Content generation: RAG can help businesses in creating content in areas such as marketing and human resources that are accurate and helpful to target audiences. Writers can gain assistance in retrieving the most relevant documents, research, and reports.
Generative AI: How Your Business Can Leverage It
Jump started by the uber popularity of ChatGPT, a large language model (LLM) developed by OpenAI, artificial intelligence is entering a new phase. It’s changing the way we communicate, create, and work daily. The excitement is centered around the generative ability of computers, or generative AI – a subset of machine learning. Generative AI models can be used to create new ideas, content, and 3D models from natural language prompts and training data.
As of November 2023, 23% of global CEOs and 32% of global CMOs surveyed by Statista said they’d already adopted AI into their operations with 43% and 39% of CEOs and CMOs, respectively, saying they plan to explore options for adoption in the future. The most popular AI use cases included service operations optimization at the top. It was followed by the creation of new AI-based products and solutions. With ChatGPT taking generative AI mainstream throughout 2023, the development and adoption of new generative AI tools to augment human capabilities will only increase.
What Is Generative AI?
Generative AI is a type of artificial intelligence that creates something new and original from existing data using a machine learning model. It represents a significant advancement in AI capabilities. GenAI uses deep learning models that can learn from data automatically without being programmed to do so.
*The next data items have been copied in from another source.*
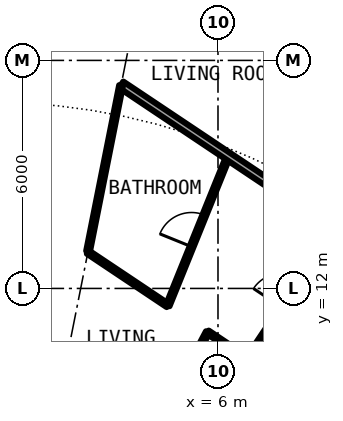
"""IFC4 building model, lengths in metres.
Left out: names, types, materials, properties, quantities, classifications, styles, units other than length and angle.
Written with IfcOpenShell. Run it as: python <this file> out.ifc"""

import sys

from ifc_helpers import new_model, si_unit, direction, frame, frame_2d, origin, place, context, subcontext, project, spatial, rectangle, extrude, element, fill, save


model = new_model("IFC4")
c1 = context("Model", 3, precision=1e-05, world=origin(), true_north=direction((0.0, 1.0)))
c2 = subcontext(c1, "Body", "Model", "MODEL_VIEW")
j1 = project(units=[si_unit("LENGTHUNIT", "METRE"), si_unit("PLANEANGLEUNIT", "RADIAN")], contexts=[c1])
p1 = place(None, origin())
s1 = spatial("IfcSite", under=j1, at=p1, CompositionType="ELEMENT")
p2 = place(p1, origin())
s2 = spatial("IfcBuilding", under=s1, at=p2, CompositionType="ELEMENT")
p3 = place(p2, frame((0.0, 0.0, 218.8)))
s3 = spatial("IfcBuildingStorey", under=s2, at=p3, CompositionType="ELEMENT", Elevation=218.8)
p4 = place(p3, frame((3.605, 6.827, 0.0), z_axis=(0.0, 0.0, 1.0), x_axis=(0.466962677975, 0.884277025246, 0.0)))
e1 = element("IfcWall", 1, at=p4, inside=s3, PredefinedType="PARTITIONING", context=c2, shape_type="SweptSolid", body=[
    extrude(rectangle(XDim=4.549, YDim=0.1, at=frame_2d((2.274, 0.0))), origin(), (0.0, 0.0, 1.0), 2.65),
])
p5 = place(p4, frame((1.824, 0.0, 0.0)))
e2 = element("IfcOpeningElement", 2, at=p5, cuts=e1, PredefinedType="OPENING", context=c2, shape_type="SweptSolid", body=[
    extrude(rectangle(XDim=0.9, YDim=2.3, at=frame_2d((0.45, 1.15))), frame((0.0, 0.06, 0.0), z_axis=(0.0, -1.0, 0.0), x_axis=(1.0, 0.0, 0.0)), (0.0, 0.0, 1.0), 0.12),
])
p6 = place(p3, frame((4.678, 11.551, 0.0), z_axis=(0.0, 0.0, 1.0), x_axis=(0.375509828455, 0.926818411952, 0.0)))
e3 = element("IfcWall", 3, at=p6, inside=s3, PredefinedType="PARTITIONING", context=c2, shape_type="SweptSolid", body=[
    extrude(rectangle(XDim=4.237, YDim=0.1, at=frame_2d((2.119, 0.0))), origin(), (0.0, 0.0, 1.0), 2.65),
])
p7 = place(p6, frame((1.669, 0.0, 0.0)))
e4 = element("IfcOpeningElement", 4, at=p7, cuts=e3, PredefinedType="OPENING", context=c2, shape_type="SweptSolid", body=[
    extrude(rectangle(XDim=0.9, YDim=2.3, at=frame_2d((0.45, 1.15))), frame((0.0, 0.06, 0.0), z_axis=(0.0, -1.0, 0.0), x_axis=(1.0, 0.0, 0.0)), (0.0, 0.0, 1.0), 0.12),
])
p8 = place(p3, frame((6.78, 10.147, 0.0), z_axis=(0.0, 0.0, 1.0), x_axis=(0.555528237031, 0.831497671591, 0.0)))
e5 = element("IfcWall", 5, at=p8, inside=s3, PredefinedType="PARTITIONING", context=c2, shape_type="SweptSolid", body=[
    extrude(rectangle(XDim=4.149, YDim=0.1, at=frame_2d((2.075, 0.0))), origin(), (0.0, 0.0, 1.0), 2.65),
])
p9 = place(p8, frame((1.625, 0.0, 0.0)))
e6 = element("IfcOpeningElement", 6, at=p9, cuts=e5, PredefinedType="OPENING", context=c2, shape_type="SweptSolid", body=[
    extrude(rectangle(XDim=0.9, YDim=2.3, at=frame_2d((0.45, 1.15))), frame((0.0, 0.06, 0.0), z_axis=(0.0, -1.0, 0.0), x_axis=(1.0, 0.0, 0.0)), (0.0, 0.0, 1.0), 0.12),
])
p10 = place(p3, frame((2.577, 12.955, 0.0), z_axis=(0.0, 0.0, 1.0), x_axis=(0.831440395268, -0.555613956912, 0.0)))
e7 = element("IfcWall", 7, at=p10, inside=s3, PredefinedType="PARTITIONING", context=c2, shape_type="SweptSolid", body=[
    extrude(rectangle(XDim=2.527, YDim=0.1, at=frame_2d((1.264, 0.0))), origin(), (0.0, 0.0, 1.0), 2.65),
])
p11 = place(p3, frame((5.729, 10.849, 0.0), z_axis=(0.0, 0.0, 1.0), x_axis=(0.83129689803, -0.555828631257, 0.0)))
e8 = element("IfcWall", 8, at=p11, inside=s3, PredefinedType="PARTITIONING", context=c2, shape_type="SweptSolid", body=[
    extrude(rectangle(XDim=3.394, YDim=0.1, at=frame_2d((1.697, 0.0))), origin(), (0.0, 0.0, 1.0), 2.65),
])
p12 = place(p3, frame((3.453, 17.36, 0.0), z_axis=(0.0, 0.0, 1.0), x_axis=(0.831437137577, -0.555618831806, 0.0)))
e9 = element("IfcWall", 9, at=p12, inside=s3, PredefinedType="PARTITIONING", context=c2, shape_type="SweptSolid", body=[
    extrude(rectangle(XDim=13.549, YDim=0.2, at=frame_2d((6.774, 0.0))), origin(), (0.0, 0.0, 1.0), 2.65),
])
p13 = place(p12, frame((4.581, 0.0, 0.0)))
e10 = element("IfcOpeningElement", 10, at=p13, cuts=e9, PredefinedType="OPENING", context=c2, shape_type="SweptSolid", body=[
    extrude(rectangle(XDim=1.0, YDim=2.3, at=frame_2d((0.5, 1.15))), frame((0.0, 0.11, 0.0), z_axis=(0.0, -1.0, 0.0), x_axis=(1.0, 0.0, 0.0)), (0.0, 0.0, 1.0), 0.22),
])
p14 = place(p3, frame((2.581, 12.976, 0.0), z_axis=(0.0, 0.0, 1.0), x_axis=(0.195102838171, 0.980782790702, 0.0)))
e11 = element("IfcWall", 11, at=p14, inside=s3, PredefinedType="PARTITIONING", context=c2, shape_type="SweptSolid", body=[
    extrude(rectangle(XDim=4.448, YDim=0.1, at=frame_2d((2.224, 0.0))), origin(), (0.0, 0.0, 1.0), 2.65),
])
p15 = place(p7, origin())
e12 = element("IfcDoor", 12, at=p15, inside=s3, OperationType="SINGLE_SWING_RIGHT", PredefinedType="DOOR", context=c2, shape_type="SweptSolid", body=[
    extrude(rectangle(XDim=0.9, YDim=2.3, at=frame_2d((0.45, 1.15))), frame((0.0, 0.025, 0.0), z_axis=(0.0, -1.0, 0.0), x_axis=(1.0, 0.0, 0.0)), (0.0, 0.0, 1.0), 0.05),
])
fill(e4, e12)
save(model, sys.argv[1])

LLMs, such as OpenAI’s GPT series (Generative Pre-trained Transformer) and the conversational AI application ChatGPT, are a type of generative AI specifically designed for natural language generation. These models are trained on massive volumes of data and use deep learning to generate human-like text. The latest models are impressive for their range of abilities from drafting emails to generating code.
In addition to text, today’s generative AI solutions can create new images, music, simulations or computer code. DALL-E, also from OpenAI, is an AI tool that generates entirely new and realistic images from natural language descriptions using a combination of natural language processing and computer vision techniques.
What Can Generative AI Do?
The uses of generative AI are far reaching, touching all industries including robotics, music, travel, medicine, agriculture, and more. Its potential applications are still being explored and developed. Generative AI’s major appeal is in its ability to produce high-quality new content with minimal human input. Companies outside of tech are already taking advantage of generative AI tools for their ability to create content so good it sometimes seems human made. For example, clothing brand Levi’s announced they will use AI-generated virtual models for clothing image generation to provide its customers with more diverse shopping experiences.
When it comes to language, all industries or job functions that depend on clear and credible writing stand to benefit from having a close collaborator in generative AI. In the business world, these can include marketing teams that work with generative AI technology to create content such as blogs and social media posts more quickly. Tech companies can benefit from coding generated by AI, saving time and resources for IT professionals so they can pursue opportunities for creating greater value for their businesses.
The customer service industry, in particular, is poised for incredible gains from this technology. By 2026, conversational AI will cut the labor costs of contact centers by $80 billion, according to Gartner. Conversational AI will make agents more efficient and effective with one in 10 agent interactions set to be automated by 2026. AI models will allow support agents to dedicate themselves to different and better work.